As used herein, a phrase referring to “at least one of” a list of items refers to any combination of those items, including single members. As an example, “at least one of: a, b, or c” is intended to cover a, b, c, a-b, a-c, b-c, and a-b-c, as well as any combination with multiples of the same element (e.g., a-a, a-a-a, a-a-b, a-a-c, a-b-b, a-c-c, b-b, b-b-b, b-b-c, c-c, and c-c-c or any other ordering of a, b, and c).
As used herein, the term “determining” encompasses a wide variety of actions. For example, “determining” may include calculating, computing, processing, deriving, investigating, looking up (e.g., looking up in a table, a database or another data structure), ascertaining and the like. Also, “determining” may include receiving (e.g., receiving information), accessing (e.g., accessing data in a memory) and the like. Also, “determining” may include resolving, selecting, choosing, establishing and the like.
The methods disclosed herein comprise one or more steps or actions for achieving the methods. The method steps and/or actions may be interchanged with one another without departing from the scope of the claims. In other words, unless a specific order of steps or actions is specified, the order and/or use of specific steps and/or actions may be modified without departing from the scope of the claims. Further, the various operations of methods described above may be performed by any suitable means capable of performing the corresponding functions. The means may include various hardware and/or software component(s) and/or module(s), including, but not limited to a circuit, an application specific integrated circuit (ASIC), or processor. Generally, where there are operations illustrated in figures, those operations may have corresponding counterpart means-plus-function components with similar numbering.

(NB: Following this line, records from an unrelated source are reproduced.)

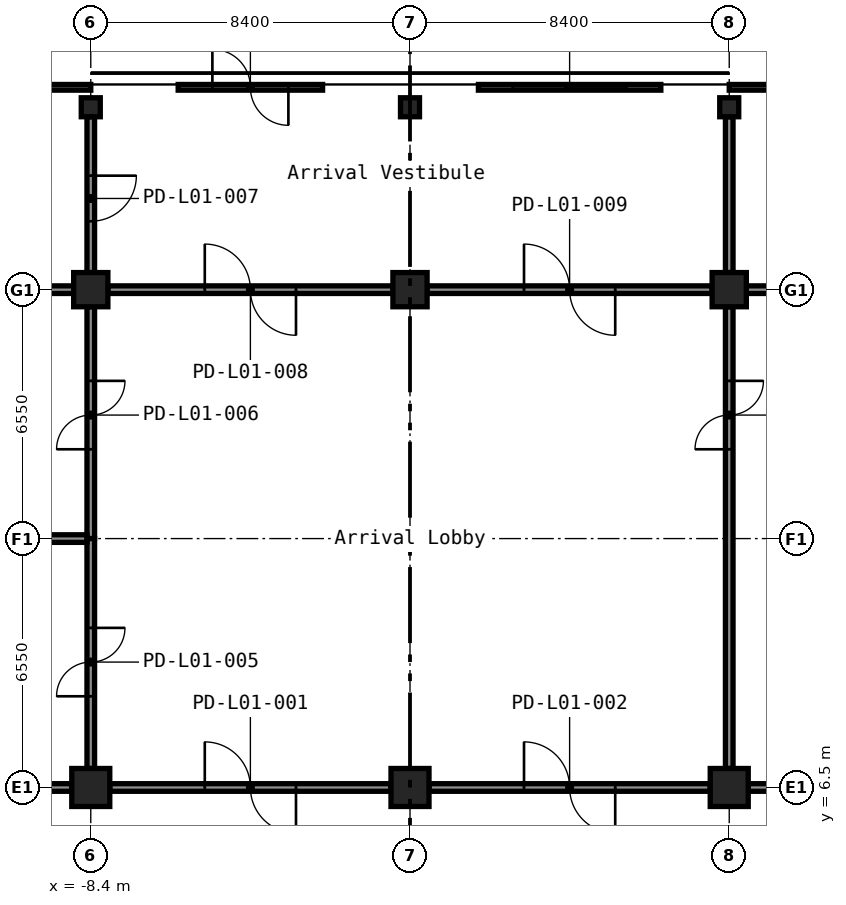
"""IFC4 building model, lengths in metres.
Left out: names, types, materials, properties, quantities, classifications, styles, units other than length and angle.
Written with IfcOpenShell. Run it as: python <this file> out.ifc"""

import sys

from ifc_helpers import new_model, si_unit, direction, frame, frame_2d, origin, origin_2d, place, context, subcontext, project, spatial, rectangle, hollow_rectangle, extrude, element, fill, save


model = new_model("IFC4")
c1 = context("Model", 3, precision=1e-05, world=origin(), true_north=direction((0.0, 1.0)))
c2 = subcontext(c1, "Body", "Model", "MODEL_VIEW")
j1 = project(units=[si_unit("LENGTHUNIT", "METRE"), si_unit("PLANEANGLEUNIT", "RADIAN")], contexts=[c1])
p1 = place(None, origin())
s1 = spatial("IfcSite", under=j1, at=p1, CompositionType="ELEMENT")
p2 = place(p1, origin())
s2 = spatial("IfcBuilding", under=s1, at=p2, CompositionType="ELEMENT")
p3 = place(p2, origin())
s3 = spatial("IfcBuildingStorey", under=s2, at=p3, CompositionType="ELEMENT", Elevation=0.0)
p4 = place(p3, frame((-8.4, 6.5, -0.3), z_axis=(0.0, 0.0, 1.0), x_axis=(1.0, 0.0, 0.0)))
e1 = element("IfcColumn", 1, at=p4, inside=s3, PredefinedType="COLUMN", context=c2, shape_type="SweptSolid", body=[
    extrude(hollow_rectangle(XDim=1.0, YDim=1.0, WallThickness=0.04, at=origin_2d()), origin(), (0.0, 0.0, 1.0), 8.9),
])
p5 = place(p3, frame((-8.4, 19.6, -0.3), z_axis=(0.0, 0.0, 1.0), x_axis=(1.0, 0.0, 0.0)))
e2 = element("IfcColumn", 2, at=p5, inside=s3, PredefinedType="COLUMN", context=c2, shape_type="SweptSolid", body=[
    extrude(hollow_rectangle(XDim=0.9, YDim=0.9, WallThickness=0.036, at=origin_2d()), origin(), (0.0, 0.0, 1.0), 8.9),
])
p6 = place(p3, frame((0.0, 6.5, -0.3), z_axis=(0.0, 0.0, 1.0), x_axis=(1.0, 0.0, 0.0)))
e3 = element("IfcColumn", 3, at=p6, inside=s3, PredefinedType="COLUMN", context=c2, shape_type="SweptSolid", body=[
    extrude(hollow_rectangle(XDim=1.0, YDim=1.0, WallThickness=0.04, at=origin_2d()), origin(), (0.0, 0.0, 1.0), 8.9),
])
p7 = place(p3, frame((0.0, 19.6, -0.3), z_axis=(0.0, 0.0, 1.0), x_axis=(1.0, 0.0, 0.0)))
e4 = element("IfcColumn", 4, at=p7, inside=s3, PredefinedType="COLUMN", context=c2, shape_type="SweptSolid", body=[
    extrude(hollow_rectangle(XDim=0.9, YDim=0.9, WallThickness=0.036, at=origin_2d()), origin(), (0.0, 0.0, 1.0), 8.9),
])
p8 = place(p3, frame((8.4, 6.5, -0.3), z_axis=(0.0, 0.0, 1.0), x_axis=(1.0, 0.0, 0.0)))
e5 = element("IfcColumn", 5, at=p8, inside=s3, PredefinedType="COLUMN", context=c2, shape_type="SweptSolid", body=[
    extrude(hollow_rectangle(XDim=1.0, YDim=1.0, WallThickness=0.04, at=origin_2d()), origin(), (0.0, 0.0, 1.0), 8.9),
])
p9 = place(p3, frame((8.4, 19.6, -0.3), z_axis=(0.0, 0.0, 1.0), x_axis=(1.0, 0.0, 0.0)))
e6 = element("IfcColumn", 6, at=p9, inside=s3, PredefinedType="COLUMN", context=c2, shape_type="SweptSolid", body=[
    extrude(hollow_rectangle(XDim=0.9, YDim=0.9, WallThickness=0.036, at=origin_2d()), origin(), (0.0, 0.0, 1.0), 8.9),
])
for number, where, z_axis, x_axis in (
    (7, (-8.4, 24.4, -0.3), (0.0, 0.0, 1.0), (1.0, 0.0, 0.0)),
    (8, (0.0, 24.4, -0.3), (0.0, 0.0, 1.0), (1.0, 0.0, 0.0)),
    (9, (8.4, 24.4, -0.3), (0.0, 0.0, 1.0), (1.0, 0.0, 0.0)),
):
    element("IfcColumn", number, at=place(p3, frame(where, z_axis=z_axis, x_axis=x_axis)), inside=s3, PredefinedType="COLUMN", context=c2, shape_type="SweptSolid", body=[
        extrude(hollow_rectangle(XDim=0.5, YDim=0.5, WallThickness=0.019, InnerFilletRadius=0.029, OuterFilletRadius=0.048, at=origin_2d()), origin(), (0.0, 0.0, 1.0), 8.9),
    ])
p10 = place(p3, frame((-8.4, 20.05, 0.0), z_axis=(0.0, 0.0, 1.0), x_axis=(0.0, 1.0, 0.0)))
e10 = element("IfcWall", 10, at=p10, inside=s3, PredefinedType="PARTITIONING", context=c2, shape_type="SweptSolid", body=[
    extrude(rectangle(XDim=4.1, YDim=0.2, at=frame_2d((2.05, 0.0))), origin(), (0.0, 0.0, 1.0), 8.6),
])
p11 = place(p10, frame((1.35, 0.0, 0.0)))
e11 = element("IfcOpeningElement", 11, at=p11, cuts=e10, PredefinedType="OPENING", context=c2, shape_type="SweptSolid", body=[
    extrude(rectangle(XDim=1.2, YDim=2.1, at=frame_2d((0.6, 1.05))), frame((0.0, 0.11, 0.0), z_axis=(0.0, -1.0, 0.0), x_axis=(1.0, 0.0, 0.0)), (0.0, 0.0, 1.0), 0.22),
])
p12 = place(p3, frame((8.4, 24.15, 0.0), z_axis=(0.0, 0.0, 1.0), x_axis=(0.0, -1.0, 0.0)))
e12 = element("IfcWall", 12, at=p12, inside=s3, PredefinedType="PARTITIONING", context=c2, shape_type="SweptSolid", body=[
    extrude(rectangle(XDim=4.1, YDim=0.2, at=frame_2d((2.05, 0.0))), origin(), (0.0, 0.0, 1.0), 8.6),
])
p13 = place(p3, frame((-16.35, 19.6, 0.0), z_axis=(0.0, 0.0, 1.0), x_axis=(1.0, 0.0, 0.0)))
e13 = element("IfcWall", 13, at=p13, inside=s3, PredefinedType="PARTITIONING", context=c2, shape_type="SweptSolid", body=[
    extrude(rectangle(XDim=7.5, YDim=0.2, at=frame_2d((3.75, 0.0))), origin(), (0.0, 0.0, 1.0), 8.6),
])
p14 = place(p3, frame((8.9, 6.5, 0.0), z_axis=(0.0, 0.0, 1.0), x_axis=(1.0, 0.0, 0.0)))
e14 = element("IfcWall", 14, at=p14, inside=s3, PredefinedType="PARTITIONING", context=c2, shape_type="SweptSolid", body=[
    extrude(rectangle(XDim=3.1, YDim=0.2, at=frame_2d((1.55, 0.0))), origin(), (0.0, 0.0, 1.0), 8.6),
])
p15 = place(p3, frame((-7.9, 6.5, 0.0), z_axis=(0.0, 0.0, 1.0), x_axis=(1.0, 0.0, 0.0)))
e15 = element("IfcWall", 15, at=p15, inside=s3, PredefinedType="PARTITIONING", context=c2, shape_type="SweptSolid", body=[
    extrude(rectangle(XDim=7.4, YDim=0.2, at=frame_2d((3.7, 0.0))), origin(), (0.0, 0.0, 1.0), 8.6),
])
p16 = place(p15, frame((2.5, 0.0, 0.0)))
e16 = element("IfcOpeningElement", 16, at=p16, cuts=e15, PredefinedType="OPENING", context=c2, shape_type="SweptSolid", body=[
    extrude(rectangle(XDim=2.4, YDim=2.1, at=frame_2d((1.2, 1.05))), frame((0.0, 0.11, 0.0), z_axis=(0.0, -1.0, 0.0), x_axis=(1.0, 0.0, 0.0)), (0.0, 0.0, 1.0), 0.22),
])
p17 = place(p3, frame((0.5, 6.5, 0.0), z_axis=(0.0, 0.0, 1.0), x_axis=(1.0, 0.0, 0.0)))
e17 = element("IfcWall", 17, at=p17, inside=s3, PredefinedType="PARTITIONING", context=c2, shape_type="SweptSolid", body=[
    extrude(rectangle(XDim=7.4, YDim=0.2, at=frame_2d((3.7, 0.0))), origin(), (0.0, 0.0, 1.0), 8.6),
])
p18 = place(p17, frame((2.5, 0.0, 0.0)))
e18 = element("IfcOpeningElement", 18, at=p18, cuts=e17, PredefinedType="OPENING", context=c2, shape_type="SweptSolid", body=[
    extrude(rectangle(XDim=2.4, YDim=2.1, at=frame_2d((1.2, 1.05))), frame((0.0, 0.11, 0.0), z_axis=(0.0, -1.0, 0.0), x_axis=(1.0, 0.0, 0.0)), (0.0, 0.0, 1.0), 0.22),
])
p19 = place(p3, frame((-12.0, 6.5, 0.0), z_axis=(0.0, 0.0, 1.0), x_axis=(1.0, 0.0, 0.0)))
e19 = element("IfcWall", 19, at=p19, inside=s3, PredefinedType="PARTITIONING", context=c2, shape_type="SweptSolid", body=[
    extrude(rectangle(XDim=3.1, YDim=0.2, at=frame_2d((1.55, 0.0))), origin(), (0.0, 0.0, 1.0), 8.6),
])
p20 = place(p3, frame((8.85, 19.6, 0.0), z_axis=(0.0, 0.0, 1.0), x_axis=(1.0, 0.0, 0.0)))
e20 = element("IfcWall", 20, at=p20, inside=s3, PredefinedType="PARTITIONING", context=c2, shape_type="SweptSolid", body=[
    extrude(rectangle(XDim=7.5, YDim=0.2, at=frame_2d((3.75, 0.0))), origin(), (0.0, 0.0, 1.0), 8.6),
])
p21 = place(p20, frame((2.55, 0.0, 0.0)))
e21 = element("IfcOpeningElement", 21, at=p21, cuts=e20, PredefinedType="OPENING", context=c2, shape_type="SweptSolid", body=[
    extrude(rectangle(XDim=2.4, YDim=2.1, at=frame_2d((1.2, 1.05))), frame((0.0, 0.11, 0.0), z_axis=(0.0, -1.0, 0.0), x_axis=(1.0, 0.0, 0.0)), (0.0, 0.0, 1.0), 0.22),
])
p22 = place(p3, frame((-7.95, 19.6, 0.0), z_axis=(0.0, 0.0, 1.0), x_axis=(1.0, 0.0, 0.0)))
e22 = element("IfcWall", 22, at=p22, inside=s3, PredefinedType="PARTITIONING", context=c2, shape_type="SweptSolid", body=[
    extrude(rectangle(XDim=7.5, YDim=0.2, at=frame_2d((3.75, 0.0))), origin(), (0.0, 0.0, 1.0), 8.6),
])
p23 = place(p22, frame((2.55, 0.0, 0.0)))
e23 = element("IfcOpeningElement", 23, at=p23, cuts=e22, PredefinedType="OPENING", context=c2, shape_type="SweptSolid", body=[
    extrude(rectangle(XDim=2.4, YDim=2.1, at=frame_2d((1.2, 1.05))), frame((0.0, 0.11, 0.0), z_axis=(0.0, -1.0, 0.0), x_axis=(1.0, 0.0, 0.0)), (0.0, 0.0, 1.0), 0.22),
])
p24 = place(p3, frame((0.45, 19.6, 0.0), z_axis=(0.0, 0.0, 1.0), x_axis=(1.0, 0.0, 0.0)))
e24 = element("IfcWall", 24, at=p24, inside=s3, PredefinedType="PARTITIONING", context=c2, shape_type="SweptSolid", body=[
    extrude(rectangle(XDim=7.5, YDim=0.2, at=frame_2d((3.75, 0.0))), origin(), (0.0, 0.0, 1.0), 8.6),
])
p25 = place(p24, frame((2.55, 0.0, 0.0)))
e25 = element("IfcOpeningElement", 25, at=p25, cuts=e24, PredefinedType="OPENING", context=c2, shape_type="SweptSolid", body=[
    extrude(rectangle(XDim=2.4, YDim=2.1, at=frame_2d((1.2, 1.05))), frame((0.0, 0.11, 0.0), z_axis=(0.0, -1.0, 0.0), x_axis=(1.0, 0.0, 0.0)), (0.0, 0.0, 1.0), 0.22),
])
p26 = place(p3, frame((-8.4, 13.05, 0.0), z_axis=(0.0, 0.0, 1.0), x_axis=(0.0, 1.0, 0.0)))
e26 = element("IfcWall", 26, at=p26, inside=s3, PredefinedType="PARTITIONING", context=c2, shape_type="SweptSolid", body=[
    extrude(rectangle(XDim=6.1, YDim=0.2, at=frame_2d((3.05, 0.0))), origin(), (0.0, 0.0, 1.0), 8.6),
])
p27 = place(p26, frame((2.35, 0.0, 0.0)))
e27 = element("IfcOpeningElement", 27, at=p27, cuts=e26, PredefinedType="OPENING", context=c2, shape_type="SweptSolid", body=[
    extrude(rectangle(XDim=1.8, YDim=2.1, at=frame_2d((0.9, 1.05))), frame((0.0, 0.11, 0.0), z_axis=(0.0, -1.0, 0.0), x_axis=(1.0, 0.0, 0.0)), (0.0, 0.0, 1.0), 0.22),
])
p28 = place(p3, frame((8.4, 19.15, 0.0), z_axis=(0.0, 0.0, 1.0), x_axis=(0.0, -1.0, 0.0)))
e28 = element("IfcWall", 28, at=p28, inside=s3, PredefinedType="PARTITIONING", context=c2, shape_type="SweptSolid", body=[
    extrude(rectangle(XDim=12.15, YDim=0.2, at=frame_2d((6.075, 0.0))), origin(), (0.0, 0.0, 1.0), 8.6),
])
p29 = place(p28, frame((1.95, 0.0, 0.0)))
e29 = element("IfcOpeningElement", 29, at=p29, cuts=e28, PredefinedType="OPENING", context=c2, shape_type="SweptSolid", body=[
    extrude(rectangle(XDim=1.8, YDim=2.1, at=frame_2d((0.9, 1.05))), frame((0.0, 0.11, 0.0), z_axis=(0.0, -1.0, 0.0), x_axis=(1.0, 0.0, 0.0)), (0.0, 0.0, 1.0), 0.22),
])
p30 = place(p3, frame((-8.4, 7.0, 0.0), z_axis=(0.0, 0.0, 1.0), x_axis=(0.0, 1.0, 0.0)))
e30 = element("IfcWall", 30, at=p30, inside=s3, PredefinedType="PARTITIONING", context=c2, shape_type="SweptSolid", body=[
    extrude(rectangle(XDim=6.05, YDim=0.2, at=frame_2d((3.025, 0.0))), origin(), (0.0, 0.0, 1.0), 8.6),
])
p31 = place(p30, frame((1.9, 0.0, 0.0)))
e31 = element("IfcOpeningElement", 31, at=p31, cuts=e30, PredefinedType="OPENING", context=c2, shape_type="SweptSolid", body=[
    extrude(rectangle(XDim=1.8, YDim=2.1, at=frame_2d((0.9, 1.05))), frame((0.0, 0.11, 0.0), z_axis=(0.0, -1.0, 0.0), x_axis=(1.0, 0.0, 0.0)), (0.0, 0.0, 1.0), 0.22),
])
p32 = place(p3, frame((-16.7, 13.05, 0.0), z_axis=(0.0, 0.0, 1.0), x_axis=(1.0, 0.0, 0.0)))
e32 = element("IfcWall", 32, at=p32, inside=s3, PredefinedType="PARTITIONING", context=c2, shape_type="SweptSolid", body=[
    extrude(rectangle(XDim=8.2, YDim=0.2, at=frame_2d((4.1, 0.0))), origin(), (0.0, 0.0, 1.0), 8.6),
])
p33 = place(p3, frame((-23.6, 24.925, 0.0), z_axis=(0.0, 0.0, 1.0), x_axis=(1.0, 0.0, 0.0)))
e33 = element("IfcWall", 33, at=p33, inside=s3, PredefinedType="STANDARD", context=c2, shape_type="SweptSolid", body=[
    extrude(rectangle(XDim=15.2, YDim=0.15, at=frame_2d((7.6, 0.0))), origin(), (0.0, 0.0, 1.0), 8.6),
])
p34 = place(p33, frame((0.9, 0.0, 0.0)))
e34 = element("IfcOpeningElement", 34, at=p34, cuts=e33, PredefinedType="OPENING", context=c2, shape_type="SweptSolid", body=[
    extrude(rectangle(XDim=1.8, YDim=2.1, at=frame_2d((0.9, 1.05))), frame((0.0, 0.085, 0.0), z_axis=(0.0, -1.0, 0.0), x_axis=(1.0, 0.0, 0.0)), (0.0, 0.0, 1.0), 0.17),
])
p35 = place(p3, frame((-6.1, 24.925, 0.0), z_axis=(0.0, 0.0, 1.0), x_axis=(1.0, 0.0, 0.0)))
e35 = element("IfcWall", 35, at=p35, inside=s3, PredefinedType="STANDARD", context=c2, shape_type="SweptSolid", body=[
    extrude(rectangle(XDim=3.8, YDim=0.15, at=frame_2d((1.9, 0.0))), origin(), (0.0, 0.0, 1.0), 8.6),
])
p36 = place(p35, frame((0.9, 0.0, 0.0)))
e36 = element("IfcOpeningElement", 36, at=p36, cuts=e35, PredefinedType="OPENING", context=c2, shape_type="SweptSolid", body=[
    extrude(rectangle(XDim=2.0, YDim=2.1, at=frame_2d((1.0, 1.05))), frame((0.0, 0.085, 0.0), z_axis=(0.0, -1.0, 0.0), x_axis=(1.0, 0.0, 0.0)), (0.0, 0.0, 1.0), 0.17),
])
p37 = place(p3, frame((1.8, 24.925, 0.0), z_axis=(0.0, 0.0, 1.0), x_axis=(1.0, 0.0, 0.0)))
e37 = element("IfcWall", 37, at=p37, inside=s3, PredefinedType="STANDARD", context=c2, shape_type="SweptSolid", body=[
    extrude(rectangle(XDim=4.8, YDim=0.15, at=frame_2d((2.4, 0.0))), origin(), (0.0, 0.0, 1.0), 8.6),
])
p38 = place(p37, frame((0.9, 0.0, 0.0)))
e38 = element("IfcOpeningElement", 38, at=p38, cuts=e37, PredefinedType="OPENING", context=c2, shape_type="SweptSolid", body=[
    extrude(rectangle(XDim=3.0, YDim=2.4, at=frame_2d((1.5, 1.2))), frame((0.0, 0.085, 0.0), z_axis=(0.0, -1.0, 0.0), x_axis=(1.0, 0.0, 0.0)), (0.0, 0.0, 1.0), 0.17),
])
p39 = place(p3, frame((8.4, 24.925, 0.0), z_axis=(0.0, 0.0, 1.0), x_axis=(1.0, 0.0, 0.0)))
e39 = element("IfcWall", 39, at=p39, inside=s3, PredefinedType="STANDARD", context=c2, shape_type="SweptSolid", body=[
    extrude(rectangle(XDim=15.2, YDim=0.15, at=frame_2d((7.6, 0.0))), origin(), (0.0, 0.0, 1.0), 8.6),
])
p40 = place(p39, frame((12.5, 0.0, 0.0)))
e40 = element("IfcOpeningElement", 40, at=p40, cuts=e39, PredefinedType="OPENING", context=c2, shape_type="SweptSolid", body=[
    extrude(rectangle(XDim=1.8, YDim=2.1, at=frame_2d((0.9, 1.05))), frame((0.0, 0.085, 0.0), z_axis=(0.0, -1.0, 0.0), x_axis=(1.0, 0.0, 0.0)), (0.0, 0.0, 1.0), 0.17),
])
p41 = place(p16, origin())
e41 = element("IfcDoor", 41, at=p41, inside=s3, OperationType="DOUBLE_DOOR_DOUBLE_SWING", PredefinedType="DOOR", context=c2, shape_type="SweptSolid", body=[
    extrude(rectangle(XDim=2.4, YDim=2.1, at=frame_2d((1.2, 1.05))), frame((0.0, 0.025, 0.0), z_axis=(0.0, -1.0, 0.0), x_axis=(1.0, 0.0, 0.0)), (0.0, 0.0, 1.0), 0.05),
])
fill(e16, e41)
p42 = place(p18, origin())
e42 = element("IfcDoor", 42, at=p42, inside=s3, OperationType="DOUBLE_DOOR_DOUBLE_SWING", PredefinedType="DOOR", context=c2, shape_type="SweptSolid", body=[
    extrude(rectangle(XDim=2.4, YDim=2.1, at=frame_2d((1.2, 1.05))), frame((0.0, 0.025, 0.0), z_axis=(0.0, -1.0, 0.0), x_axis=(1.0, 0.0, 0.0)), (0.0, 0.0, 1.0), 0.05),
])
fill(e18, e42)
p43 = place(p31, origin())
e43 = element("IfcDoor", 43, at=p43, inside=s3, OperationType="DOUBLE_DOOR_DOUBLE_SWING", PredefinedType="DOOR", context=c2, shape_type="SweptSolid", body=[
    extrude(rectangle(XDim=1.8, YDim=2.1, at=frame_2d((0.9, 1.05))), frame((0.0, 0.025, 0.0), z_axis=(0.0, -1.0, 0.0), x_axis=(1.0, 0.0, 0.0)), (0.0, 0.0, 1.0), 0.05),
])
fill(e31, e43)
p44 = place(p27, origin())
e44 = element("IfcDoor", 44, at=p44, inside=s3, OperationType="DOUBLE_DOOR_DOUBLE_SWING", PredefinedType="DOOR", context=c2, shape_type="SweptSolid", body=[
    extrude(rectangle(XDim=1.8, YDim=2.1, at=frame_2d((0.9, 1.05))), frame((0.0, 0.025, 0.0), z_axis=(0.0, -1.0, 0.0), x_axis=(1.0, 0.0, 0.0)), (0.0, 0.0, 1.0), 0.05),
])
fill(e27, e44)
p45 = place(p11, origin())
e45 = element("IfcDoor", 45, at=p45, inside=s3, OperationType="SINGLE_SWING_RIGHT", PredefinedType="DOOR", context=c2, shape_type="SweptSolid", body=[
    extrude(rectangle(XDim=1.2, YDim=2.1, at=frame_2d((0.6, 1.05))), frame((0.0, 0.025, 0.0), z_axis=(0.0, -1.0, 0.0), x_axis=(1.0, 0.0, 0.0)), (0.0, 0.0, 1.0), 0.05),
])
fill(e11, e45)
p46 = place(p23, origin())
e46 = element("IfcDoor", 46, at=p46, inside=s3, OperationType="DOUBLE_DOOR_DOUBLE_SWING", PredefinedType="DOOR", context=c2, shape_type="SweptSolid", body=[
    extrude(rectangle(XDim=2.4, YDim=2.1, at=frame_2d((1.2, 1.05))), frame((0.0, 0.025, 0.0), z_axis=(0.0, -1.0, 0.0), x_axis=(1.0, 0.0, 0.0)), (0.0, 0.0, 1.0), 0.05),
])
fill(e23, e46)
p47 = place(p25, origin())
e47 = element("IfcDoor", 47, at=p47, inside=s3, OperationType="DOUBLE_DOOR_DOUBLE_SWING", PredefinedType="DOOR", context=c2, shape_type="SweptSolid", body=[
    extrude(rectangle(XDim=2.4, YDim=2.1, at=frame_2d((1.2, 1.05))), frame((0.0, 0.025, 0.0), z_axis=(0.0, -1.0, 0.0), x_axis=(1.0, 0.0, 0.0)), (0.0, 0.0, 1.0), 0.05),
])
fill(e25, e47)
p48 = place(p29, origin())
e48 = element("IfcDoor", 48, at=p48, inside=s3, OperationType="DOUBLE_DOOR_DOUBLE_SWING", PredefinedType="DOOR", context=c2, shape_type="SweptSolid", body=[
    extrude(rectangle(XDim=1.8, YDim=2.1, at=frame_2d((0.9, 1.05))), frame((0.0, 0.025, 0.0), z_axis=(0.0, -1.0, 0.0), x_axis=(1.0, 0.0, 0.0)), (0.0, 0.0, 1.0), 0.05),
])
fill(e29, e48)
p49 = place(p36, origin())
e49 = element("IfcDoor", 49, at=p49, inside=s3, OperationType="DOUBLE_DOOR_DOUBLE_SWING", PredefinedType="DOOR", context=c2, shape_type="SweptSolid", body=[
    extrude(rectangle(XDim=2.0, YDim=2.1, at=frame_2d((1.0, 1.05))), frame((0.0, 0.025, 0.0), z_axis=(0.0, -1.0, 0.0), x_axis=(1.0, 0.0, 0.0)), (0.0, 0.0, 1.0), 0.05),
])
fill(e36, e49)
p50 = place(p38, origin())
e50 = element("IfcDoor", 50, at=p50, inside=s3, OperationType="REVOLVING", PredefinedType="DOOR", context=c2, shape_type="SweptSolid", body=[
    extrude(rectangle(XDim=3.0, YDim=2.4, at=frame_2d((1.5, 1.2))), frame((0.0, 0.025, 0.0), z_axis=(0.0, -1.0, 0.0), x_axis=(1.0, 0.0, 0.0)), (0.0, 0.0, 1.0), 0.05),
])
fill(e38, e50)
save(model, sys.argv[1])

The following claims are not intended to be limited to the embodiments shown herein, but are to be accorded the full scope consistent with the language of the claims. Within a claim, reference to an element in the singular is not intended to mean “one and only one” unless specifically so stated, but rather “one or more.” Unless specifically stated otherwise, the term “some” refers to one or more. No claim element is to be construed under the provisions of 35 U.S.C. § 112(f) unless the element is expressly recited using the phrase “means for” or, in the case of a method claim, the element is recited using the phrase “step for.” All structural and functional equivalents to the elements of the various aspects described throughout this disclosure that are known or later come to be known to those of ordinary skill in the art are expressly incorporated herein by reference and are intended to be encompassed by the claims. Moreover, nothing disclosed herein is intended to be dedicated to the public regardless of whether such disclosure is explicitly recited in the claims.